Acalyptris dividua

Scientific classification
- Kingdom: Animalia
- Phylum: Arthropoda
- Clade: Pancrustacea
- Class: Insecta
- Order: Lepidoptera
- Family: Nepticulidae
- Genus: Acalyptris
- Species: A. dividua
- Binomial name: Acalyptris dividua Puplesis & Robinson, 2000

= Acalyptris dividua =

- Authority: Puplesis & Robinson, 2000

Species of moth

Acalyptris dividua is a species of moth of the family Nepticulidae. Formally described by Rimantas Puplesis and Gaden S. Robinson in 2000, it is endemic to Belize. It is known from the Chiquibul Forest Reserve in the Cayo District. It is a small species, with males having a wingspan of 5.0-5.2 mm and a forewing length of 2.2-2.3 mm.

== Taxonomy ==
Acalyptris dividua was formally described in 2000 by Rimantas Puplesis and Gaden S. Robinson based on an adult male specimen collected from the Chiquibul Forest Reserve in the Cayo District of Belize.

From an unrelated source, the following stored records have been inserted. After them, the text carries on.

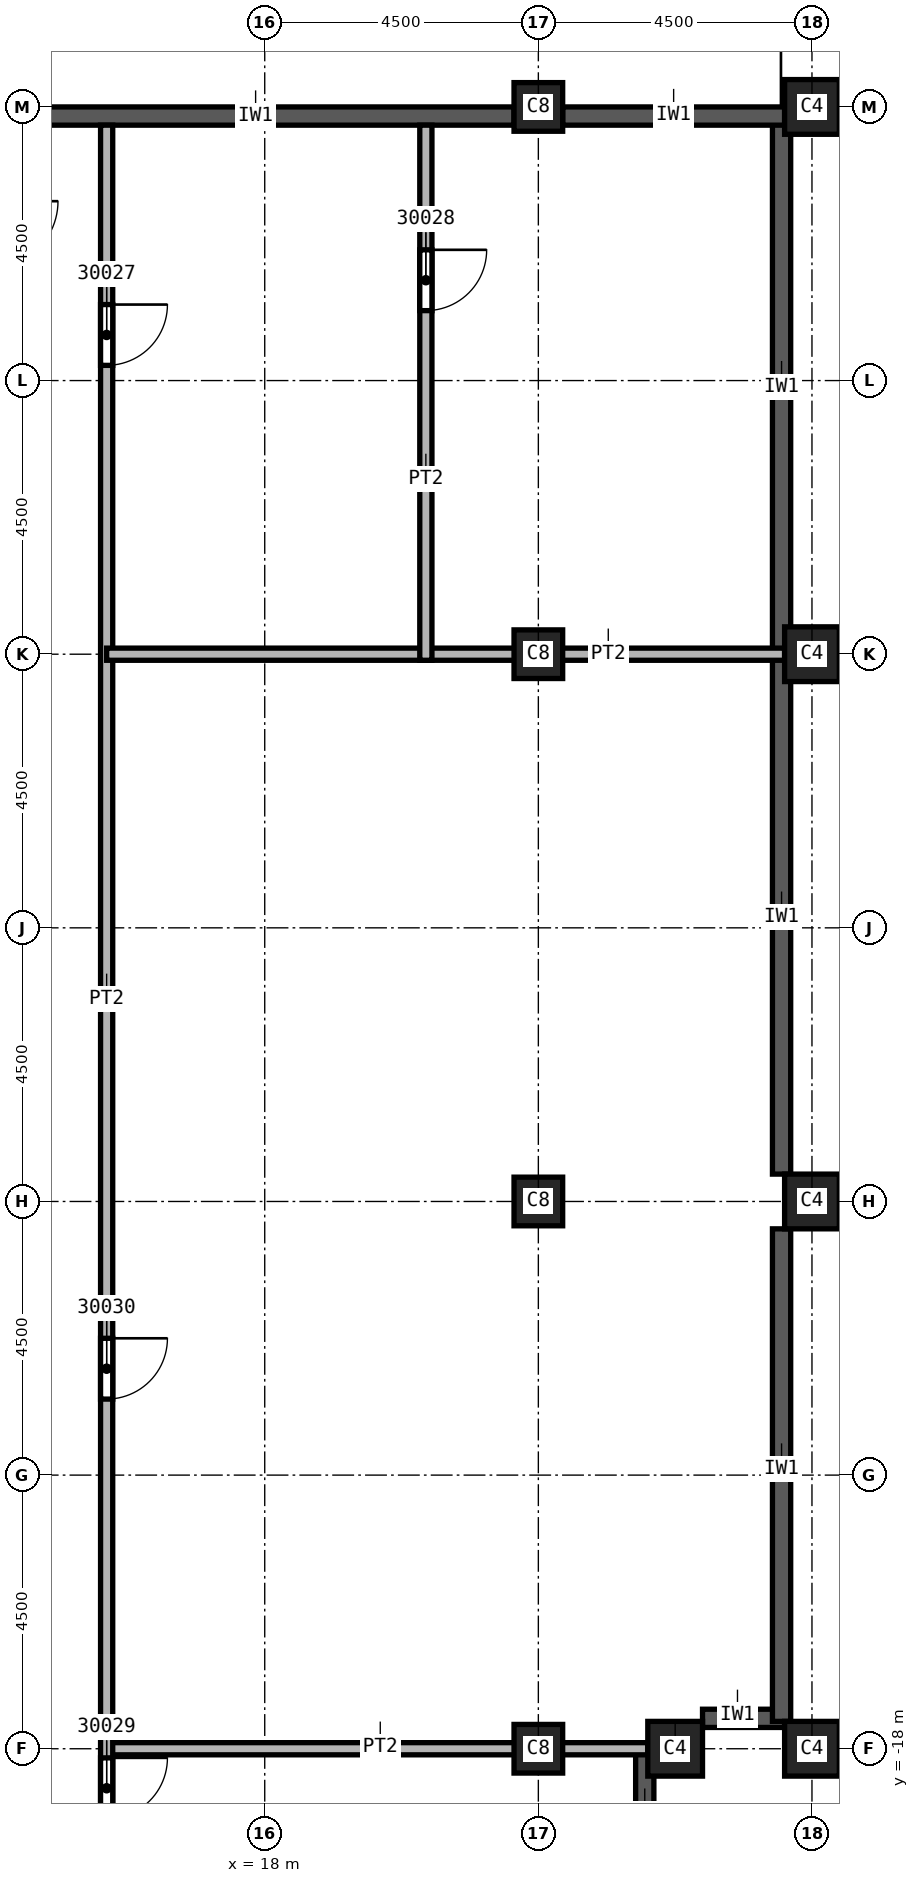
"""IFC4 building model, lengths in metres.
Left out: names, types, materials, properties, quantities, classifications, styles, units other than length and angle.
Written with IfcOpenShell. Run it as: python <this file> out.ifc"""

import sys

from ifc_helpers import new_model, si_unit, direction, frame, frame_2d, origin, origin_2d, place, context, subcontext, project, spatial, rectangle, extrude, element, fill, save


model = new_model("IFC4")
c1 = context("Model", 3, precision=1e-05, world=origin(), true_north=direction((0.0, 1.0)))
c2 = subcontext(c1, "Body", "Model", "MODEL_VIEW")
j1 = project(units=[si_unit("LENGTHUNIT", "METRE"), si_unit("PLANEANGLEUNIT", "RADIAN")], contexts=[c1])
p1 = place(None, origin())
s1 = spatial("IfcSite", under=j1, at=p1, CompositionType="ELEMENT")
p2 = place(p1, origin())
s2 = spatial("IfcBuilding", under=s1, at=p2, CompositionType="ELEMENT")
p3 = place(p2, frame((0.0, 0.0, 320.0)))
s3 = spatial("IfcBuildingStorey", under=s2, at=p3, CompositionType="ELEMENT", Elevation=320.0)
for number, where, z_axis, x_axis in (
    (1, (22.5, 0.0, 0.0), (0.0, 0.0, 1.0), (1.0, 0.0, 0.0)),
    (2, (22.5, 9.0, 0.0), (0.0, 0.0, 1.0), (1.0, 0.0, 0.0)),
    (3, (22.5, -9.0, 0.0), (0.0, 0.0, 1.0), (1.0, 0.0, 0.0)),
    (4, (22.5, -18.0, 0.0), (0.0, 0.0, 1.0), (1.0, 0.0, 0.0)),
):
    element("IfcColumn", number, at=place(p3, frame(where, z_axis=z_axis, x_axis=x_axis)), inside=s3, PredefinedType="COLUMN", context=c2, shape_type="SweptSolid", body=[
        extrude(rectangle(XDim=0.8, YDim=0.8, at=origin_2d()), origin(), (0.0, 0.0, 1.0), 5.74),
    ])
for number, where, z_axis, x_axis in (
    (5, (27.0, 0.0, 0.0), (0.0, 0.0, 1.0), (0.0, 1.0, 0.0)),
    (6, (27.0, 9.0, 0.0), (0.0, 0.0, 1.0), (0.0, 1.0, 0.0)),
    (7, (27.0, -9.0, 0.0), (0.0, 0.0, 1.0), (0.0, 1.0, 0.0)),
    (8, (27.0, -18.0, 0.0), (0.0, 0.0, 1.0), (0.0, 1.0, 0.0)),
    (9, (24.75, -18.0, 0.0), (0.0, 0.0, 1.0), (1.0, 0.0, 0.0)),
):
    element("IfcColumn", number, at=place(p3, frame(where, z_axis=z_axis, x_axis=x_axis)), inside=s3, PredefinedType="COLUMN", context=c2, shape_type="SweptSolid", body=[
        extrude(rectangle(XDim=0.9, YDim=0.9, at=origin_2d()), origin(), (0.0, 0.0, 1.0), 5.74),
    ])
p4 = place(p3, frame((24.25, -20.25, 0.0), z_axis=(0.0, 0.0, 1.0), x_axis=(0.0, 1.0, 0.0)))
e10 = element("IfcWall", 10, at=p4, inside=s3, PredefinedType="SOLIDWALL", context=c2, shape_type="SweptSolid", body=[
    extrude(rectangle(XDim=2.2, YDim=0.3, at=frame_2d((1.1, 0.0))), origin(), (0.0, 0.0, 1.0), 5.14),
])
p5 = place(p3, frame((25.2, -17.5, 0.0), z_axis=(0.0, 0.0, 1.0), x_axis=(1.0, 0.0, 0.0)))
e11 = element("IfcWall", 11, at=p5, inside=s3, PredefinedType="SOLIDWALL", context=c2, shape_type="SweptSolid", body=[
    extrude(rectangle(XDim=1.35, YDim=0.3, at=frame_2d((0.675, 0.0))), origin(), (0.0, 0.0, 1.0), 5.14),
])
p6 = place(p3, frame((26.5, -17.55, 0.0), z_axis=(0.0, 0.0, 1.0), x_axis=(0.0, 1.0, 0.0)))
e12 = element("IfcWall", 12, at=p6, inside=s3, PredefinedType="SOLIDWALL", context=c2, shape_type="SweptSolid", body=[
    extrude(rectangle(XDim=8.1, YDim=0.3, at=frame_2d((4.05, 0.0))), origin(), (0.0, 0.0, 1.0), 5.14),
])
p7 = place(p3, frame((26.5, -8.55, 0.0), z_axis=(0.0, 0.0, 1.0), x_axis=(0.0, 1.0, 0.0)))
e13 = element("IfcWall", 13, at=p7, inside=s3, PredefinedType="SOLIDWALL", context=c2, shape_type="SweptSolid", body=[
    extrude(rectangle(XDim=8.5, YDim=0.3, at=frame_2d((4.25, 0.0))), origin(), (0.0, 0.0, 1.0), 5.14),
])
p8 = place(p3, frame((26.5, 0.05, 0.0), z_axis=(0.0, 0.0, 1.0), x_axis=(0.0, 1.0, 0.0)))
e14 = element("IfcWall", 14, at=p8, inside=s3, PredefinedType="SOLIDWALL", context=c2, shape_type="SweptSolid", body=[
    extrude(rectangle(XDim=8.7, YDim=0.3, at=frame_2d((4.35, 0.0))), origin(), (0.0, 0.0, 1.0), 5.14),
])
p9 = place(p3, frame((22.1, 8.85, 0.0), z_axis=(0.0, 0.0, 1.0), x_axis=(-1.0, 0.0, 0.0)))
e15 = element("IfcWall", 15, at=p9, inside=s3, PredefinedType="SOLIDWALL", context=c2, shape_type="SweptSolid", body=[
    extrude(rectangle(XDim=8.55, YDim=0.3, at=frame_2d((4.275, 0.0))), origin(), (0.0, 0.0, 1.0), 5.14),
])
p10 = place(p3, frame((26.55, 8.85, 0.0), z_axis=(0.0, 0.0, 1.0), x_axis=(-1.0, 0.0, 0.0)))
e16 = element("IfcWall", 16, at=p10, inside=s3, PredefinedType="SOLIDWALL", context=c2, shape_type="SweptSolid", body=[
    extrude(rectangle(XDim=3.65, YDim=0.3, at=frame_2d((1.825, 0.0))), origin(), (0.0, 0.0, 1.0), 5.14),
])
p11 = place(p3, frame((15.4, -18.0, 0.0), z_axis=(0.0, 0.0, 1.0), x_axis=(1.0, 0.0, 0.0)))
e17 = element("IfcWall", 17, at=p11, inside=s3, PredefinedType="PARTITIONING", context=c2, shape_type="SweptSolid", body=[
    extrude(rectangle(XDim=8.9, YDim=0.2, at=frame_2d((4.45, 0.0))), origin(), (0.0, 0.0, 1.0), 5.74),
])
p12 = place(p3, frame((15.4, 8.7, 0.0), z_axis=(0.0, 0.0, 1.0), x_axis=(0.0, -1.0, 0.0)))
e18 = element("IfcWall", 18, at=p12, inside=s3, PredefinedType="PARTITIONING", context=c2, shape_type="SweptSolid", body=[
    extrude(rectangle(XDim=31.45, YDim=0.2, at=frame_2d((15.725, 0.0))), origin(), (0.0, 0.0, 1.0), 5.74),
])
p13 = place(p12, frame((2.95, 0.0, 0.0)))
e19 = element("IfcOpeningElement", 19, at=p13, cuts=e18, PredefinedType="OPENING", context=c2, shape_type="SweptSolid", body=[
    extrude(rectangle(XDim=1.0, YDim=2.1, at=frame_2d((0.5, 1.05))), frame((0.0, 0.1, 0.0), z_axis=(0.0, -1.0, 0.0), x_axis=(1.0, 0.0, 0.0)), (0.0, 0.0, 1.0), 0.2),
])
p14 = place(p12, frame((26.85, 0.0, 0.0)))
e20 = element("IfcOpeningElement", 20, at=p14, cuts=e18, PredefinedType="OPENING", context=c2, shape_type="SweptSolid", body=[
    extrude(rectangle(XDim=1.0, YDim=2.1, at=frame_2d((0.5, 1.05))), frame((0.0, 0.1, 0.0), z_axis=(0.0, -1.0, 0.0), x_axis=(1.0, 0.0, 0.0)), (0.0, 0.0, 1.0), 0.2),
])
p15 = place(p12, frame((19.95, 0.0, 0.0)))
e21 = element("IfcOpeningElement", 21, at=p15, cuts=e18, PredefinedType="OPENING", context=c2, shape_type="SweptSolid", body=[
    extrude(rectangle(XDim=1.0, YDim=2.1, at=frame_2d((0.5, 1.05))), frame((0.0, 0.1, 0.0), z_axis=(0.0, -1.0, 0.0), x_axis=(1.0, 0.0, 0.0)), (0.0, 0.0, 1.0), 0.2),
])
p16 = place(p3, frame((26.55, 0.0, 0.0), z_axis=(0.0, 0.0, 1.0), x_axis=(-1.0, 0.0, 0.0)))
e22 = element("IfcWall", 22, at=p16, inside=s3, PredefinedType="PARTITIONING", context=c2, shape_type="SweptSolid", body=[
    extrude(rectangle(XDim=11.15, YDim=0.2, at=frame_2d((5.575, 0.0))), origin(), (0.0, 0.0, 1.0), 5.74),
])
p17 = place(p3, frame((20.65, 8.7, 0.0), z_axis=(0.0, 0.0, 1.0), x_axis=(0.0, -1.0, 0.0)))
e23 = element("IfcWall", 23, at=p17, inside=s3, PredefinedType="PARTITIONING", context=c2, shape_type="SweptSolid", body=[
    extrude(rectangle(XDim=8.8, YDim=0.2, at=frame_2d((4.4, 0.0))), origin(), (0.0, 0.0, 1.0), 5.74),
])
p18 = place(p17, frame((2.05, 0.0, 0.0)))
e24 = element("IfcOpeningElement", 24, at=p18, cuts=e23, PredefinedType="OPENING", context=c2, shape_type="SweptSolid", body=[
    extrude(rectangle(XDim=1.0, YDim=2.1, at=frame_2d((0.5, 1.05))), frame((0.0, 0.1, 0.0), z_axis=(0.0, -1.0, 0.0), x_axis=(1.0, 0.0, 0.0)), (0.0, 0.0, 1.0), 0.2),
])
p19 = place(p13, origin())
e25 = element("IfcDoor", 25, at=p19, inside=s3, OperationType="SINGLE_SWING_RIGHT", PredefinedType="DOOR", context=c2, shape_type="SweptSolid", body=[
    extrude(rectangle(XDim=1.0, YDim=2.1, at=frame_2d((0.5, 1.05))), frame((0.0, 0.025, 0.0), z_axis=(0.0, -1.0, 0.0), x_axis=(1.0, 0.0, 0.0)), (0.0, 0.0, 1.0), 0.05),
])
fill(e19, e25)
p20 = place(p18, origin())
e26 = element("IfcDoor", 26, at=p20, inside=s3, OperationType="SINGLE_SWING_LEFT", PredefinedType="DOOR", context=c2, shape_type="SweptSolid", body=[
    extrude(rectangle(XDim=1.0, YDim=2.1, at=frame_2d((0.5, 1.05))), frame((0.0, 0.025, 0.0), z_axis=(0.0, -1.0, 0.0), x_axis=(1.0, 0.0, 0.0)), (0.0, 0.0, 1.0), 0.05),
])
fill(e24, e26)
p21 = place(p14, origin())
e27 = element("IfcDoor", 27, at=p21, inside=s3, OperationType="SINGLE_SWING_RIGHT", PredefinedType="DOOR", context=c2, shape_type="SweptSolid", body=[
    extrude(rectangle(XDim=1.0, YDim=2.1, at=frame_2d((0.5, 1.05))), frame((0.0, 0.025, 0.0), z_axis=(0.0, -1.0, 0.0), x_axis=(1.0, 0.0, 0.0)), (0.0, 0.0, 1.0), 0.05),
])
fill(e20, e27)
p22 = place(p15, origin())
e28 = element("IfcDoor", 28, at=p22, inside=s3, OperationType="SINGLE_SWING_LEFT", PredefinedType="DOOR", context=c2, shape_type="SweptSolid", body=[
    extrude(rectangle(XDim=1.0, YDim=2.1, at=frame_2d((0.5, 1.05))), frame((0.0, 0.025, 0.0), z_axis=(0.0, -1.0, 0.0), x_axis=(1.0, 0.0, 0.0)), (0.0, 0.0, 1.0), 0.05),
])
fill(e21, e28)
save(model, sys.argv[1])

It is named after its split uncus. It is part of the A. latipennata species group within the genus.

== Description ==
Acalyptris dividua is a small species, with males having a wingspan of 5.0-5.2 mm and a forewing length of 2.2-2.3 mm. The forewing is yellowish-cream to yellow in color, with an wide oblique blackish line just proximal to the termen, reaching the cilia at the tornus. The cilia of the forewing are yellowish-cream, while the undersurface is cream-colored. The yellowish-cream hindwing is rather wide, with grayish cream-to-yellow cilia. The thorax and tegulae are yellowish or cream in color. The head has yellowish to cream-colored palps and a brownish-orange frontal tuft. The legs are yellowish and the antennae are yellow to light brownish-yellow. It is quite unique in many of its morphological features.

== Distribution ==
Acalyptris dividua is endemic to Belize, where it is known from the Las Cuevas Biological Station in the Chiquibul Forest Reserve in the Cayo District.